Students who use the "word of the week" can easily explain it by saying they used an AI in their studies.

"You asked us to write an essay on the Civil War. The first thing I did was ask an AI to explain it to me, and I asked the AI some follow-up questions. Then I did some research using other sources and wrote my paper."

It might even be a true story, and in such a case it's not surprising that the student would repeat words they encountered while studying.

One course I took actually provided students with the output of the plagiarism detector. It was great at correctly identifying where I had directly quoted (and attributed) a source.

It would also identify random 5-6 word phrases and attribute them to different random texts on completely different topics where those same 5 words happened to appear.

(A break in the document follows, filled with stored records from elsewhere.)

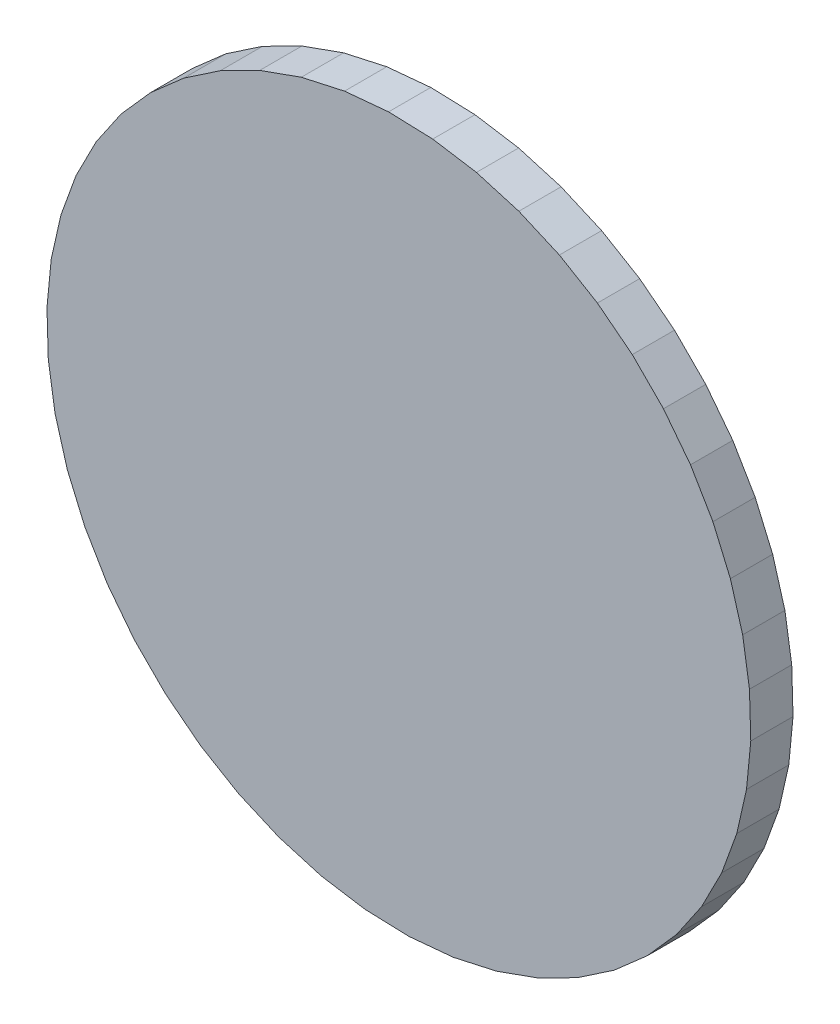
from build123d import *

# Parameters (mm, degrees)
BOSS_EXTRUDE1_DEPTH = 2.999998629


with BuildPart() as part:
    # Sketch1 → Boss-Extrude1 (new body)
    with BuildSketch(Plane(origin=(0, 0, 36.080602556), x_dir=(-1, 0, 0), z_dir=(0, 0, -1))):
        Polygon((24.985987693, 0.836887804), (24.684077129, 3.961863462), (23.992881179, 7.024358027), (22.923305631, 9.9760741), (21.492214873, 12.77046185), (19.722178578, 15.363452025), (17.641114071, 17.714152113), (15.281835571, 19.785488024), (12.681555003, 21.544793621), (9.8812785, 22.964326665), (6.925167516, 24.021700025), (3.85984336, 24.700235575), (0.733646855, 24.989232421), (-2.404119587, 24.884136394), (-5.503971595, 24.38659966), (-8.517022245, 23.504475132), (-11.395755224, 22.251669317), (-14.094769023, 20.647941157), (-16.57150127, 18.718581647), (-18.786890432, 16.49402082), (-20.705999807, 14.009339735), (-22.298563272, 11.303720996), (-23.539463058, 8.419836871), (-24.409133941, 5.403167102), (-24.893855676, 2.301285975), (-24.985987693, -0.836887804), (-24.684077129, -3.961863462), (-23.992881179, -7.024358027), (-22.923305631, -9.9760741), (-21.492214873, -12.77046185), (-19.722178578, -15.363452025), (-17.641114071, -17.714152113), (-15.281835571, -19.785488024), (-12.681555003, -21.544793621), (-9.8812785, -22.964326665), (-6.925167516, -24.021700025), (-3.85984336, -24.700235575), (-0.733646855, -24.989232421), (2.404119587, -24.884136394), (5.503971595, -24.38659966), (8.517022245, -23.504475132), (11.395755224, -22.251669317), (14.094769023, -20.647941157), (16.57150127, -18.718581647), (18.786890432, -16.49402082), (20.705999807, -14.009339735), (22.298563272, -11.303720996), (23.539463058, -8.419836871), (24.409133941, -5.403167102), (24.893855676, -2.301285975), align=None)
    extrude(amount=-BOSS_EXTRUDE1_DEPTH)


solid = part.part
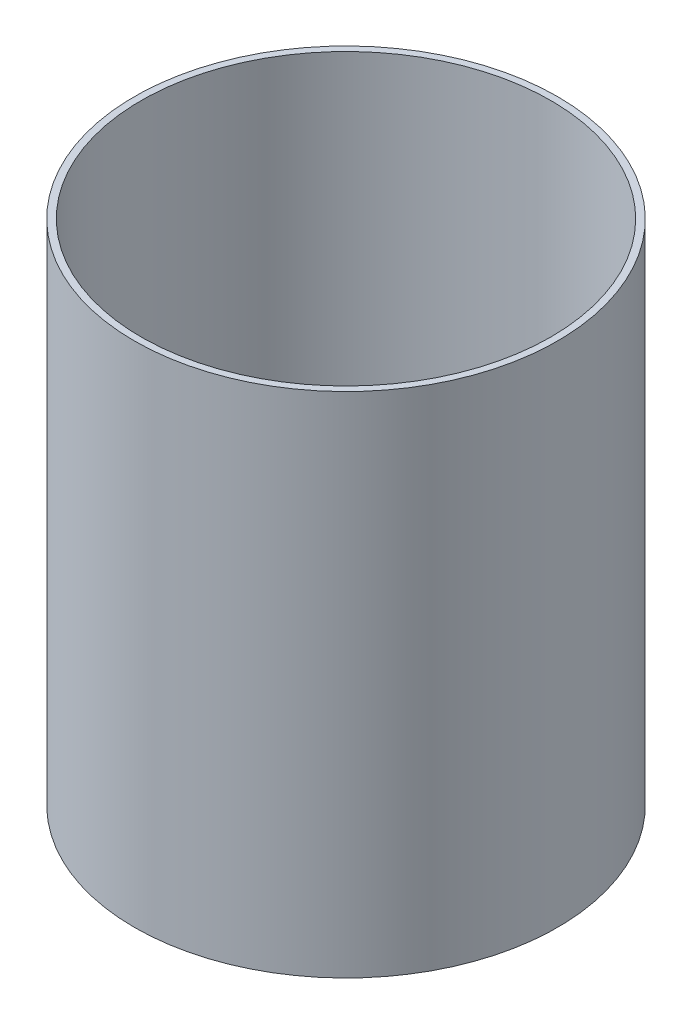
from build123d import *

# Parameters (mm, degrees)
SKETCH_1_R      = 125
SKETCH_1_R_2    = 121
EXTRUDE_1_DEPTH = 300


with BuildPart() as part:
    # 草图1 → 拉伸-薄壁1 (new body)
    with BuildSketch(Plane(origin=(0, 0, 0), x_dir=(1, 0, 0), z_dir=(0, 1, 0))):
        Circle(SKETCH_1_R)
        Circle(SKETCH_1_R_2, mode=Mode.SUBTRACT)
    extrude(amount=EXTRUDE_1_DEPTH)


solid = part.part

  For a human who deals with student work or reads job applications spotting AI generated work quickly becomes trivially easy.
When evaluating job applications we don't have ground truth labels, so we cannot possibly know the precision or recall of our classification.
The ones that are easy to spot are easy to spot. You have no idea how much AI-generated work you didn't spot, because you didn't spot it.
> trivially easy

That’s the problem. It is trivially easy, 99% of the time. But that misses the entire point of the article.

If I got 99% on an exam I’d say that was trivially easy. But making one mistake in a hundred is not ok when it’s someone else’s livelihood.

What are you asking your applicants to do that LLM use is a problem? I see no issue with having a machine compile one’s history into a resume. Is their purpose statement not original enough /s?